# broken wing, 3 weeks later, please help!



## chickenbanana (Oct 21, 2005)

Hello, my name is Sarah and I live in Yorkshire, UK. 

About 3 weeks ago my someone I know found a wild pigeon in an abandoned factory he was working in and brought it to me (I keep chickens so thought I might want to help). It has an injured wing that dragged on the ground, when the pigeon arrived he seemed drowsy and down but within a couple of days he was alert and eating and drinking, he has no cuts or obvious injuries, it seems to be just his wing. 

So after looking at the advice here (thankyou!) and examining him, we bandaged the wing with vet wrap, and all seemed to be going well.
We're not sure how long he was in the factory so maybe the wing had already healed in the droopy position but it seemed worth a try. Now we have taken off the bandage and the wing doesn't seem any better. He is in the spare chicken hutch and can get to the perch (about 40cm up) but I think he is jumping...

I would love to hear any advice anyone can give me on what to do next, it seems cruel to keep him on his own, it makes me feel sad to see him just sat there when he should be flying free but i'm not sure how to help him...

Thankyou in anticipation
Sarah


----------



## Pigeonpal2002 (Jul 27, 2002)

Hi Sarah, 

It sounds like the wing could have already started to heal incorrectly. It would be best if you could get the pigeon to a qualified avian vet for x-rays and just to see what is going on with the bones. If it's started to heal incorrectly, there is really little that can be done and the pigeon will likely never fly again. This isn't a death sentence for the bird though! Can you keep the pigeon, do you have the means and desire to keep him if needed? 

One thing at a time though, keep the wrap on for now but do check into getting the bird examined by a professional to see how bad it is and whether calcification has already begun.

Good luck and let us know, welcome to the group as well


----------



## Pidgey (May 20, 2005)

As to what kind of life they can have if they are in fact disabled, it just takes a bit of love and imagination. This is a great story:

http://www.urbanwildlifesociety.org/pigeons/BerniePijStory.html

Pidgey


----------



## mr squeaks (Apr 14, 2005)

*No matter how often*

I re-read Bernie's story, I still run the gamut of emotions! Squeakers gets the benefit and probably wonders why I pick him up to give him extra lovin'!  

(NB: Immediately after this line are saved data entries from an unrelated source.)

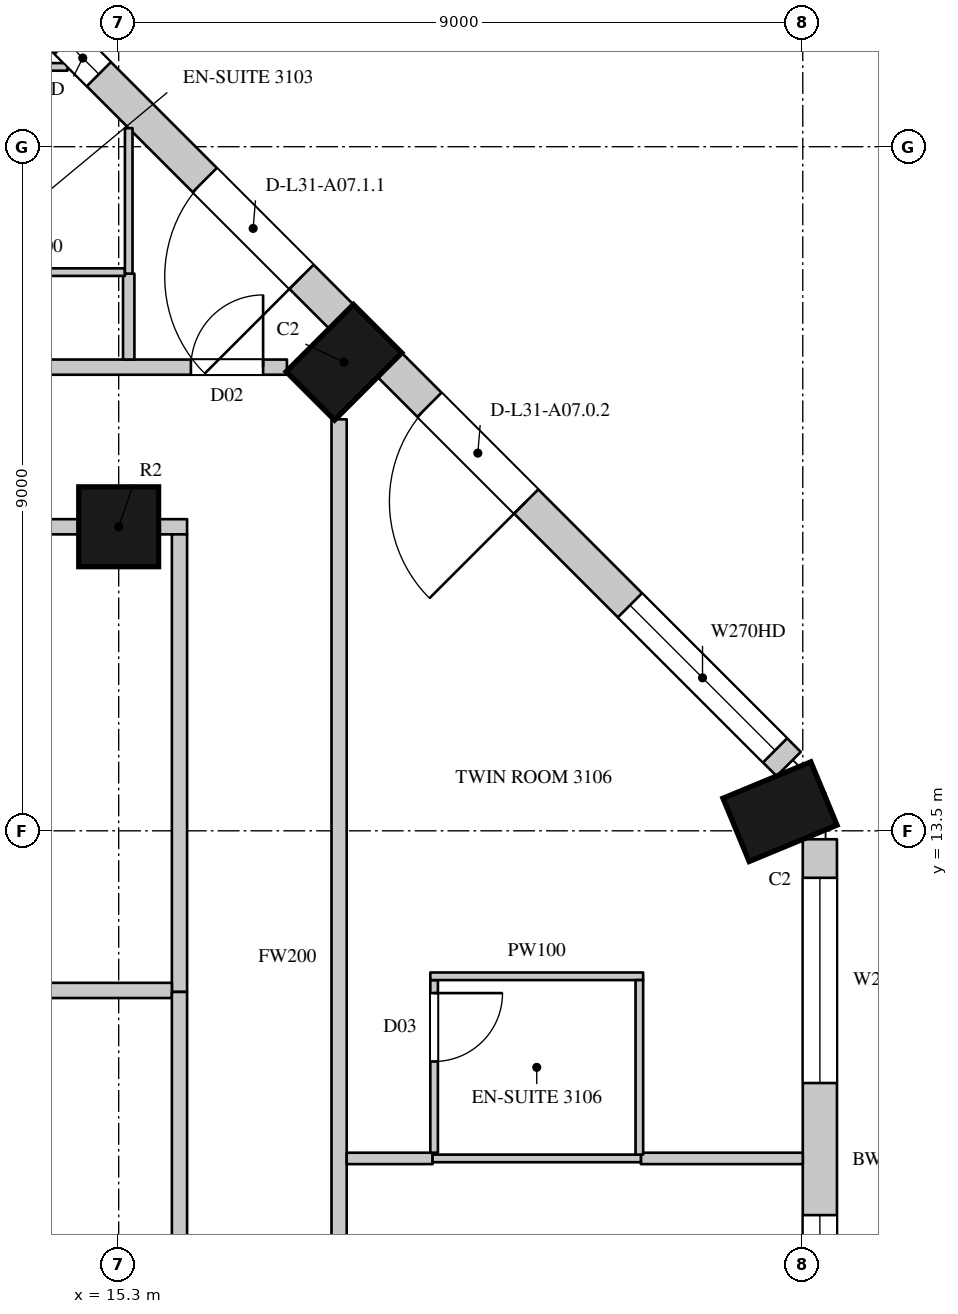
"""IFC4 building model, lengths in metres.
Left out: names, types, materials, properties, quantities, classifications, styles, units other than length and angle.
Written with IfcOpenShell. Run it as: python <this file> out.ifc"""

import sys

from ifc_helpers import new_model, si_unit, direction, frame, frame_2d, origin, origin_2d, place, context, subcontext, project, spatial, rectangle, circle, extrude, element, fill, save


model = new_model("IFC4")
c1 = context("Model", 3, precision=1e-05, world=origin(), true_north=direction((0.0, 1.0)))
c2 = subcontext(c1, "Body", "Model", "MODEL_VIEW")
j1 = project(units=[si_unit("LENGTHUNIT", "METRE"), si_unit("PLANEANGLEUNIT", "RADIAN")], contexts=[c1])
p1 = place(None, origin())
s1 = spatial("IfcSite", under=j1, at=p1, CompositionType="ELEMENT")
p2 = place(p1, origin())
s2 = spatial("IfcBuilding", under=s1, at=p2, CompositionType="ELEMENT")
p3 = place(p2, frame((0.0, 0.0, 141.9)))
s3 = spatial("IfcBuildingStorey", under=s2, at=p3, CompositionType="ELEMENT", Elevation=141.9)
for number, where, z_axis, x_axis in (
    (1, (24.0, 13.752, 0.0), (0.0, 0.0, 1.0), (-0.383, 0.924, 0.0)),
    (2, (18.264, 19.664, 0.0), (0.0, 0.0, 1.0), (-0.707, 0.707, 0.0)),
):
    element("IfcColumn", number, at=place(p3, frame(where, z_axis=z_axis, x_axis=x_axis)), inside=s3, PredefinedType="COLUMN", context=c2, shape_type="SweptSolid", body=[
        extrude(rectangle(XDim=0.9, YDim=1.25, at=origin_2d()), origin(), (0.0, 0.0, 1.0), 3.6),
    ])
p4 = place(p3, frame((15.3, 17.5, 0.0), z_axis=(0.0, 0.0, 1.0), x_axis=(1.0, 0.0, 0.0)))
e3 = element("IfcColumn", 3, at=p4, inside=s3, PredefinedType="COLUMN", context=c2, shape_type="SweptSolid", body=[
    extrude(circle(Radius=0.525, at=origin_2d()), origin(), (0.0, 0.0, 1.0), 3.6),
])
p5 = place(p3, frame((24.525, 4.95, 0.0), z_axis=(0.0, 0.0, 1.0), x_axis=(0.0, 1.0, 0.0)))
e4 = element("IfcWall", 4, at=p5, inside=s3, PredefinedType="SOLIDWALL", context=c2, shape_type="SweptSolid", body=[
    extrude(rectangle(XDim=8.439, YDim=0.45, at=frame_2d((4.219, 0.0))), origin(), (0.0, 0.0, 1.0), 3.3),
])
p6 = place(p5, frame((0.294, 0.0, 0.0)))
e5 = element("IfcOpeningElement", 5, at=p6, cuts=e4, PredefinedType="OPENING", context=c2, shape_type="SweptSolid", body=[
    extrude(rectangle(XDim=1.8, YDim=2.4, at=frame_2d((0.9, 1.2))), frame((0.0, 0.235, 0.0), z_axis=(0.0, -1.0, 0.0), x_axis=(1.0, 0.0, 0.0)), (0.0, 0.0, 1.0), 0.47),
])
p7 = place(p5, frame((2.294, 0.0, 1.05)))
e6 = element("IfcOpeningElement", 6, at=p7, cuts=e4, PredefinedType="OPENING", context=c2, shape_type="SweptSolid", body=[
    extrude(rectangle(XDim=1.2, YDim=2.0, at=frame_2d((0.6, 1.0))), frame((0.0, 0.235, 0.0), z_axis=(0.0, -1.0, 0.0), x_axis=(1.0, 0.0, 0.0)), (0.0, 0.0, 1.0), 0.47),
])
p8 = place(p5, frame((5.232, 0.0, 1.05)))
e7 = element("IfcOpeningElement", 7, at=p8, cuts=e4, PredefinedType="OPENING", context=c2, shape_type="SweptSolid", body=[
    extrude(rectangle(XDim=2.7, YDim=2.0, at=frame_2d((1.35, 1.0))), frame((0.0, 0.235, 0.0), z_axis=(0.0, -1.0, 0.0), x_axis=(1.0, 0.0, 0.0)), (0.0, 0.0, 1.0), 0.47),
])
p9 = place(p3, frame((24.115, 14.379, 0.0), z_axis=(0.0, 0.0, 1.0), x_axis=(-0.707106781187, 0.707106781187, 0.0)))
e8 = element("IfcWall", 8, at=p9, inside=s3, PredefinedType="SOLIDWALL", context=c2, shape_type="SweptSolid", body=[
    extrude(rectangle(XDim=7.424, YDim=0.45, at=frame_2d((3.712, 0.0))), origin(), (0.0, 0.0, 1.0), 3.3),
])
p10 = place(p9, frame((0.253, 0.0, 1.05)))
e9 = element("IfcOpeningElement", 9, at=p10, cuts=e8, PredefinedType="OPENING", context=c2, shape_type="SweptSolid", body=[
    extrude(rectangle(XDim=2.7, YDim=2.0, at=frame_2d((1.35, 1.0))), frame((0.0, 0.235, 0.0), z_axis=(0.0, -1.0, 0.0), x_axis=(1.0, 0.0, 0.0)), (0.0, 0.0, 1.0), 0.47),
])
p11 = place(p9, frame((4.884, 0.0, 0.0)))
e10 = element("IfcOpeningElement", 10, at=p11, cuts=e8, PredefinedType="OPENING", context=c2, shape_type="SweptSolid", body=[
    extrude(rectangle(XDim=1.8, YDim=2.4, at=frame_2d((0.9, 1.2))), frame((0.0, 0.235, 0.0), z_axis=(0.0, -1.0, 0.0), x_axis=(1.0, 0.0, 0.0)), (0.0, 0.0, 1.0), 0.47),
])
p12 = place(p3, frame((18.229, 20.265, 0.0), z_axis=(0.0, 0.0, 1.0), x_axis=(-0.707106781187, 0.707106781187, 0.0)))
e11 = element("IfcWall", 11, at=p12, inside=s3, PredefinedType="SOLIDWALL", context=c2, shape_type="SweptSolid", body=[
    extrude(rectangle(XDim=7.424, YDim=0.45, at=frame_2d((3.712, 0.0))), origin(), (0.0, 0.0, 1.0), 3.3),
])
p13 = place(p12, frame((0.74, 0.0, 0.0)))
e12 = element("IfcOpeningElement", 12, at=p13, cuts=e11, PredefinedType="OPENING", context=c2, shape_type="SweptSolid", body=[
    extrude(rectangle(XDim=1.8, YDim=2.4, at=frame_2d((0.9, 1.2))), frame((0.0, 0.235, 0.0), z_axis=(0.0, -1.0, 0.0), x_axis=(1.0, 0.0, 0.0)), (0.0, 0.0, 1.0), 0.47),
])
p14 = place(p12, frame((4.51, 0.0, 1.05)))
e13 = element("IfcOpeningElement", 13, at=p14, cuts=e11, PredefinedType="OPENING", context=c2, shape_type="SweptSolid", body=[
    extrude(rectangle(XDim=0.6, YDim=2.0, at=frame_2d((0.3, 1.0))), frame((0.0, 0.235, 0.0), z_axis=(0.0, -1.0, 0.0), x_axis=(1.0, 0.0, 0.0)), (0.0, 0.0, 1.0), 0.47),
])
p15 = place(p12, frame((5.861, 0.0, 1.05)))
e14 = element("IfcOpeningElement", 14, at=p15, cuts=e11, PredefinedType="OPENING", context=c2, shape_type="SweptSolid", body=[
    extrude(rectangle(XDim=1.2, YDim=2.0, at=frame_2d((0.6, 1.0))), frame((0.0, 0.235, 0.0), z_axis=(0.0, -1.0, 0.0), x_axis=(1.0, 0.0, 0.0)), (0.0, 0.0, 1.0), 0.47),
])
p16 = place(p3, frame((23.15, 16.864, 0.0), z_axis=(0.0, 0.0, 1.0), x_axis=(-0.707106781187, 0.707106781187, 0.0)))
e15 = element("IfcWall", 15, at=p16, inside=s3, PredefinedType="SOLIDWALL", context=c2, shape_type="SweptSolid", body=[
    extrude(rectangle(XDim=1.445, YDim=0.45, at=frame_2d((0.722, 0.0))), origin(), (0.0, 0.0, 1.0), 0.6),
])
p17 = place(p3, frame((19.937, 20.078, 0.0), z_axis=(0.0, 0.0, 1.0), x_axis=(-0.707106781187, 0.707106781187, 0.0)))
e16 = element("IfcWall", 16, at=p17, inside=s3, PredefinedType="SOLIDWALL", context=c2, shape_type="SweptSolid", body=[
    extrude(rectangle(XDim=1.781, YDim=0.45, at=frame_2d((0.89, 0.0))), origin(), (0.0, 0.0, 1.0), 0.6),
])
p18 = place(p3, frame((16.486, 23.529, 0.0), z_axis=(0.0, 0.0, 1.0), x_axis=(-0.707022305137, 0.707191247145, 0.0)))
e17 = element("IfcWall", 17, at=p18, inside=s3, PredefinedType="SOLIDWALL", context=c2, shape_type="SweptSolid", body=[
    extrude(rectangle(XDim=1.445, YDim=0.45, at=frame_2d((0.723, 0.0))), origin(), (0.0, 0.0, 1.0), 0.6),
])
p19 = place(p3, frame((-20.7, 19.6, 0.0), z_axis=(0.0, 0.0, 1.0), x_axis=(1.0, 0.0, 0.0)))
e18 = element("IfcWall", 18, at=p19, inside=s3, PredefinedType="PARTITIONING", context=c2, shape_type="SweptSolid", body=[
    extrude(rectangle(XDim=38.214, YDim=0.2, at=frame_2d((19.107, 0.0))), origin(), (0.0, 0.0, 1.0), 3.3),
])
p20 = place(p19, frame((23.95, 0.0, 0.0)))
e19 = element("IfcOpeningElement", 19, at=p20, cuts=e18, PredefinedType="OPENING", context=c2, shape_type="SweptSolid", body=[
    extrude(rectangle(XDim=0.9, YDim=2.2, at=frame_2d((0.45, 1.1))), frame((0.0, 0.11, 0.0), z_axis=(0.0, -1.0, 0.0), x_axis=(1.0, 0.0, 0.0)), (0.0, 0.0, 1.0), 0.22),
])
p21 = place(p19, frame((2.05, 0.0, 0.0)))
e20 = element("IfcOpeningElement", 20, at=p21, cuts=e18, PredefinedType="OPENING", context=c2, shape_type="SweptSolid", body=[
    extrude(rectangle(XDim=1.1, YDim=2.4, at=frame_2d((0.55, 1.2))), frame((0.0, 0.11, 0.0), z_axis=(0.0, -1.0, 0.0), x_axis=(1.0, 0.0, 0.0)), (0.0, 0.0, 1.0), 0.22),
])
p22 = place(p19, frame((12.15, 0.0, 0.0)))
e21 = element("IfcOpeningElement", 21, at=p22, cuts=e18, PredefinedType="OPENING", context=c2, shape_type="SweptSolid", body=[
    extrude(rectangle(XDim=1.1, YDim=2.4, at=frame_2d((0.55, 1.2))), frame((0.0, 0.11, 0.0), z_axis=(0.0, -1.0, 0.0), x_axis=(1.0, 0.0, 0.0)), (0.0, 0.0, 1.0), 0.22),
])
p23 = place(p19, frame((30.2, 0.0, 0.0)))
e22 = element("IfcOpeningElement", 22, at=p23, cuts=e18, PredefinedType="OPENING", context=c2, shape_type="SweptSolid", body=[
    extrude(rectangle(XDim=0.95, YDim=2.2, at=frame_2d((0.475, 1.1))), frame((0.0, 0.11, 0.0), z_axis=(0.0, -1.0, 0.0), x_axis=(1.0, 0.0, 0.0)), (0.0, 0.0, 1.0), 0.22),
])
p24 = place(p19, frame((36.95, 0.0, 0.0)))
e23 = element("IfcOpeningElement", 23, at=p24, cuts=e18, PredefinedType="OPENING", context=c2, shape_type="SweptSolid", body=[
    extrude(rectangle(XDim=0.95, YDim=2.2, at=frame_2d((0.475, 1.1))), frame((0.0, 0.11, 0.0), z_axis=(0.0, -1.0, 0.0), x_axis=(1.0, 0.0, 0.0)), (0.0, 0.0, 1.0), 0.22),
])
p25 = place(p3, frame((6.825, 17.5, 0.0), z_axis=(0.0, 0.0, 1.0), x_axis=(1.0, 0.0, 0.0)))
e24 = element("IfcWall", 24, at=p25, inside=s3, PredefinedType="PARTITIONING", context=c2, shape_type="SweptSolid", body=[
    extrude(rectangle(XDim=7.95, YDim=0.2, at=frame_2d((3.975, 0.0))), origin(), (0.0, 0.0, 1.0), 2.75),
])
p26 = place(p25, frame((3.8, 0.0, 0.0)))
e25 = element("IfcOpeningElement", 25, at=p26, cuts=e24, PredefinedType="OPENING", context=c2, shape_type="SweptSolid", body=[
    extrude(rectangle(XDim=0.95, YDim=2.2, at=frame_2d((0.475, 1.1))), frame((0.0, 0.11, 0.0), z_axis=(0.0, -1.0, 0.0), x_axis=(1.0, 0.0, 0.0)), (0.0, 0.0, 1.0), 0.22),
])
p27 = place(p3, frame((15.825, 17.5, 0.0), z_axis=(0.0, 0.0, 1.0), x_axis=(1.0, 0.0, 0.0)))
e26 = element("IfcWall", 26, at=p27, inside=s3, PredefinedType="PARTITIONING", context=c2, shape_type="SweptSolid", body=[
    extrude(rectangle(XDim=0.375, YDim=0.2, at=frame_2d((0.188, 0.0))), origin(), (0.0, 0.0, 1.0), 3.3),
])
p28 = place(p3, frame((16.1, 11.38, 0.0), z_axis=(0.0, 0.0, 1.0), x_axis=(0.0, 1.0, 0.0)))
e27 = element("IfcWall", 27, at=p28, inside=s3, PredefinedType="PARTITIONING", context=c2, shape_type="SweptSolid", body=[
    extrude(rectangle(XDim=6.02, YDim=0.2, at=frame_2d((3.01, 0.0))), origin(), (0.0, 0.0, 1.0), 3.3),
])
p29 = place(p3, frame((18.2, 4.75, 0.0), z_axis=(0.0, 0.0, 1.0), x_axis=(0.0, 1.0, 0.0)))
e28 = element("IfcWall", 28, at=p29, inside=s3, PredefinedType="PARTITIONING", context=c2, shape_type="SweptSolid", body=[
    extrude(rectangle(XDim=14.164, YDim=0.2, at=frame_2d((7.082, 0.0))), origin(), (0.0, 0.0, 1.0), 3.3),
])
p30 = place(p29, frame((1.7, 0.0, 0.0)))
e29 = element("IfcOpeningElement", 29, at=p30, cuts=e28, PredefinedType="OPENING", context=c2, shape_type="SweptSolid", body=[
    extrude(rectangle(XDim=0.9, YDim=2.2, at=frame_2d((0.45, 1.1))), frame((0.0, 0.11, 0.0), z_axis=(0.0, -1.0, 0.0), x_axis=(1.0, 0.0, 0.0)), (0.0, 0.0, 1.0), 0.22),
])
p31 = place(p3, frame((15.432, 19.7, 0.0), z_axis=(0.0, 0.0, 1.0), x_axis=(0.0, 1.0, 0.0)))
e30 = element("IfcWall", 30, at=p31, inside=s3, PredefinedType="PARTITIONING", context=c2, shape_type="SweptSolid", body=[
    extrude(rectangle(XDim=1.13, YDim=0.15, at=frame_2d((0.565, 0.0))), origin(), (0.0, 0.0, 1.0), 3.3),
])
p32 = place(p3, frame((18.3, 9.19, 0.0), z_axis=(0.0, 0.0, 1.0), x_axis=(1.0, 0.0, 0.0)))
e31 = element("IfcWall", 31, at=p32, inside=s3, PredefinedType="PARTITIONING", context=c2, shape_type="SweptSolid", body=[
    extrude(rectangle(XDim=1.13, YDim=0.15, at=frame_2d((0.565, 0.0))), origin(), (0.0, 0.0, 1.0), 3.3),
])
p33 = place(p3, frame((22.17, 9.19, 0.0), z_axis=(0.0, 0.0, 1.0), x_axis=(1.0, 0.0, 0.0)))
e32 = element("IfcWall", 32, at=p33, inside=s3, PredefinedType="PARTITIONING", context=c2, shape_type="SweptSolid", body=[
    extrude(rectangle(XDim=2.13, YDim=0.15, at=frame_2d((1.065, 0.0))), origin(), (0.0, 0.0, 1.0), 3.3),
])
p34 = place(p3, frame((10.4, 11.4, 0.0), z_axis=(0.0, 0.0, 1.0), x_axis=(1.0, 0.0, 0.0)))
e33 = element("IfcWall", 33, at=p34, inside=s3, PredefinedType="PARTITIONING", context=c2, shape_type="SweptSolid", body=[
    extrude(rectangle(XDim=5.6, YDim=0.2, at=frame_2d((2.8, 0.0))), origin(), (0.0, 0.0, 1.0), 3.3),
])
p35 = place(p3, frame((16.1, 6.825, 0.0), z_axis=(0.0, 0.0, 1.0), x_axis=(0.0, 1.0, 0.0)))
e34 = element("IfcWall", 34, at=p35, inside=s3, PredefinedType="PARTITIONING", context=c2, shape_type="SweptSolid", body=[
    extrude(rectangle(XDim=4.555, YDim=0.2, at=frame_2d((2.277, 0.0))), origin(), (0.0, 0.0, 1.0), 3.3),
])
p36 = place(p3, frame((12.986, 20.85, 0.0), z_axis=(0.0, 0.0, 1.0), x_axis=(1.0, 0.0, 0.0)))
e35 = element("IfcWall", 35, at=p36, inside=s3, PredefinedType="PARTITIONING", context=c2, shape_type="SweptSolid", body=[
    extrude(rectangle(XDim=2.396, YDim=0.1, at=frame_2d((1.198, 0.0))), origin(), (0.0, 0.0, 1.0), 3.3),
])
p37 = place(p3, frame((12.986, 23.55, 0.0), z_axis=(0.0, 0.0, 1.0), x_axis=(1.0, 0.0, 0.0)))
e36 = element("IfcWall", 36, at=p37, inside=s3, PredefinedType="PARTITIONING", context=c2, shape_type="SweptSolid", body=[
    extrude(rectangle(XDim=1.64, YDim=0.1, at=frame_2d((0.82, 0.0))), origin(), (0.0, 0.0, 1.0), 3.3),
])
p38 = place(p3, frame((15.432, 20.83, 0.0), z_axis=(0.0, 0.0, 1.0), x_axis=(0.0, 1.0, 0.0)))
e37 = element("IfcWall", 37, at=p38, inside=s3, PredefinedType="PARTITIONING", context=c2, shape_type="SweptSolid", body=[
    extrude(rectangle(XDim=1.914, YDim=0.1, at=frame_2d((0.957, 0.0))), origin(), (0.0, 0.0, 1.0), 3.3),
])
p39 = place(p3, frame((19.43, 9.19, 0.0), z_axis=(0.0, 0.0, 1.0), x_axis=(1.0, 0.0, 0.0)))
e38 = element("IfcWall", 38, at=p39, inside=s3, PredefinedType="PARTITIONING", context=c2, shape_type="SweptSolid", body=[
    extrude(rectangle(XDim=2.74, YDim=0.1, at=frame_2d((1.37, 0.0))), origin(), (0.0, 0.0, 1.0), 3.3),
])
p40 = place(p3, frame((19.45, 9.265, 0.0), z_axis=(0.0, 0.0, 1.0), x_axis=(0.0, 1.0, 0.0)))
e39 = element("IfcWall", 39, at=p40, inside=s3, PredefinedType="PARTITIONING", context=c2, shape_type="SweptSolid", body=[
    extrude(rectangle(XDim=2.271, YDim=0.1, at=frame_2d((1.135, 0.0))), origin(), (0.0, 0.0, 1.0), 3.3),
])
p41 = place(p40, frame((1.2, 0.0, 0.0)))
e40 = element("IfcOpeningElement", 40, at=p41, cuts=e39, PredefinedType="OPENING", context=c2, shape_type="SweptSolid", body=[
    extrude(rectangle(XDim=0.9, YDim=2.2, at=frame_2d((0.45, 1.1))), frame((0.0, 0.06, 0.0), z_axis=(0.0, -1.0, 0.0), x_axis=(1.0, 0.0, 0.0)), (0.0, 0.0, 1.0), 0.12),
])
p42 = place(p3, frame((19.4, 11.586, 0.0), z_axis=(0.0, 0.0, 1.0), x_axis=(1.0, 0.0, 0.0)))
e41 = element("IfcWall", 41, at=p42, inside=s3, PredefinedType="PARTITIONING", context=c2, shape_type="SweptSolid", body=[
    extrude(rectangle(XDim=2.8, YDim=0.1, at=frame_2d((1.4, 0.0))), origin(), (0.0, 0.0, 1.0), 3.3),
])
p43 = place(p3, frame((22.15, 9.24, 0.0), z_axis=(0.0, 0.0, 1.0), x_axis=(0.0, 1.0, 0.0)))
e42 = element("IfcWall", 42, at=p43, inside=s3, PredefinedType="PARTITIONING", context=c2, shape_type="SweptSolid", body=[
    extrude(rectangle(XDim=2.296, YDim=0.1, at=frame_2d((1.148, 0.0))), origin(), (0.0, 0.0, 1.0), 3.3),
])
p44 = place(p7, origin())
e43 = element("IfcWindow", 43, at=p44, inside=s3, PartitioningType="SINGLE_PANEL", PredefinedType="WINDOW", context=c2, shape_type="SweptSolid", body=[
    extrude(rectangle(XDim=1.2, YDim=2.0, at=frame_2d((0.6, 1.0))), frame((0.0, 0.135, 0.0), z_axis=(0.0, -1.0, 0.0), x_axis=(1.0, 0.0, 0.0)), (0.0, 0.0, 1.0), 0.06),
])
fill(e6, e43)
p45 = place(p8, origin())
e44 = element("IfcWindow", 44, at=p45, inside=s3, PartitioningType="SINGLE_PANEL", PredefinedType="WINDOW", context=c2, shape_type="SweptSolid", body=[
    extrude(rectangle(XDim=2.7, YDim=2.0, at=frame_2d((1.35, 1.0))), frame((0.0, 0.135, 0.0), z_axis=(0.0, -1.0, 0.0), x_axis=(1.0, 0.0, 0.0)), (0.0, 0.0, 1.0), 0.06),
])
fill(e7, e44)
p46 = place(p10, origin())
e45 = element("IfcWindow", 45, at=p46, inside=s3, PartitioningType="SINGLE_PANEL", PredefinedType="WINDOW", context=c2, shape_type="SweptSolid", body=[
    extrude(rectangle(XDim=2.7, YDim=2.0, at=frame_2d((1.35, 1.0))), frame((0.0, 0.135, 0.0), z_axis=(0.0, -1.0, 0.0), x_axis=(1.0, 0.0, 0.0)), (0.0, 0.0, 1.0), 0.06),
])
fill(e9, e45)
p47 = place(p11, origin())
e46 = element("IfcDoor", 46, at=p47, inside=s3, OperationType="SLIDING_TO_LEFT", PredefinedType="DOOR", context=c2, shape_type="SweptSolid", body=[
    extrude(rectangle(XDim=1.8, YDim=2.4, at=frame_2d((0.9, 1.2))), frame((0.0, 0.13, 0.0), z_axis=(0.0, -1.0, 0.0), x_axis=(1.0, 0.0, 0.0)), (0.0, 0.0, 1.0), 0.05),
])
fill(e10, e46)
p48 = place(p13, origin())
e47 = element("IfcDoor", 47, at=p48, inside=s3, OperationType="SLIDING_TO_LEFT", PredefinedType="DOOR", context=c2, shape_type="SweptSolid", body=[
    extrude(rectangle(XDim=1.8, YDim=2.4, at=frame_2d((0.9, 1.2))), frame((0.0, 0.13, 0.0), z_axis=(0.0, -1.0, 0.0), x_axis=(1.0, 0.0, 0.0)), (0.0, 0.0, 1.0), 0.05),
])
fill(e12, e47)
p49 = place(p24, origin())
e48 = element("IfcDoor", 48, at=p49, inside=s3, OperationType="SINGLE_SWING_RIGHT", PredefinedType="DOOR", context=c2, shape_type="SweptSolid", body=[
    extrude(rectangle(XDim=0.95, YDim=2.2, at=frame_2d((0.475, 1.1))), frame((0.0, 0.025, 0.0), z_axis=(0.0, -1.0, 0.0), x_axis=(1.0, 0.0, 0.0)), (0.0, 0.0, 1.0), 0.05),
])
fill(e23, e48)
p50 = place(p41, origin())
e49 = element("IfcDoor", 49, at=p50, inside=s3, OperationType="SINGLE_SWING_LEFT", PredefinedType="DOOR", context=c2, shape_type="SweptSolid", body=[
    extrude(rectangle(XDim=0.9, YDim=2.2, at=frame_2d((0.45, 1.1))), frame((0.0, 0.025, 0.0), z_axis=(0.0, -1.0, 0.0), x_axis=(1.0, 0.0, 0.0)), (0.0, 0.0, 1.0), 0.05),
])
fill(e40, e49)
p51 = place(p14, origin())
e50 = element("IfcWindow", 50, at=p51, inside=s3, PartitioningType="SINGLE_PANEL", PredefinedType="WINDOW", context=c2, shape_type="SweptSolid", body=[
    extrude(rectangle(XDim=0.6, YDim=2.0, at=frame_2d((0.3, 1.0))), frame((0.0, 0.135, 0.0), z_axis=(0.0, -1.0, 0.0), x_axis=(1.0, 0.0, 0.0)), (0.0, 0.0, 1.0), 0.06),
])
fill(e13, e50)
save(model, sys.argv[1])

Pigeons with a draggy/droopy can still do well as evidenced by BrianNAmy's BB (see their thread about a pigeon shot in Arizona). She's able to do limited flying and seems to get around quite well. Dr. Burke (Avian Vet) didn't seem to think that she needed partial surgery such as Squeaker's had. Then, again, her wing healed and Squeaker's wing was not healing, hence the surgery...


----------



## chickenbanana (Oct 21, 2005)

*update...*

Thankyou for your quick replys, it's good to know there are people out there who care!
I feel really guilty having to write this but...
We have been keeping the pigeon in the spare chicken pen which is about a meter high and has a mesh roof that can be pulled back to go inside to give food etc. Seen as the pigeon has a broken wing we thought it was ok that there was a gap left for a few hours of about 30cm at one side but perhaps not.... 
I went up today after posting the message and the pigeon has gone, he seems to have decided his own fate and flown away! It's the only way out of the pen and he's definitely not in there. (I don't think it's the case that something got in an got him as there are no feathers or signs of struggle.) Could he have been tricking us all along that he couldn't fly, just biding his time?
We are worried about him and have looked but we live in the middle of the countryside in the woods so he could be anywhere. We have left out some food and water just in case. 
Thankyou for your help, sorry it's a bit of a mystry ending.
Thankyou also for the story about Bernie, how amazing! I wish my landlord let me keep animals inside... 
keep up the good work!
sarah x


----------



## Whitefeather (Sep 2, 2002)

Hello Sarah & Welcome.

Thank you for caring for this sweet pij.
A couple of our 'regular' members reside in the UK, Cynthia & John. 
Although it's getting late in your neck of the woods, they may pop in before retiring & will be able to advise you on the situation.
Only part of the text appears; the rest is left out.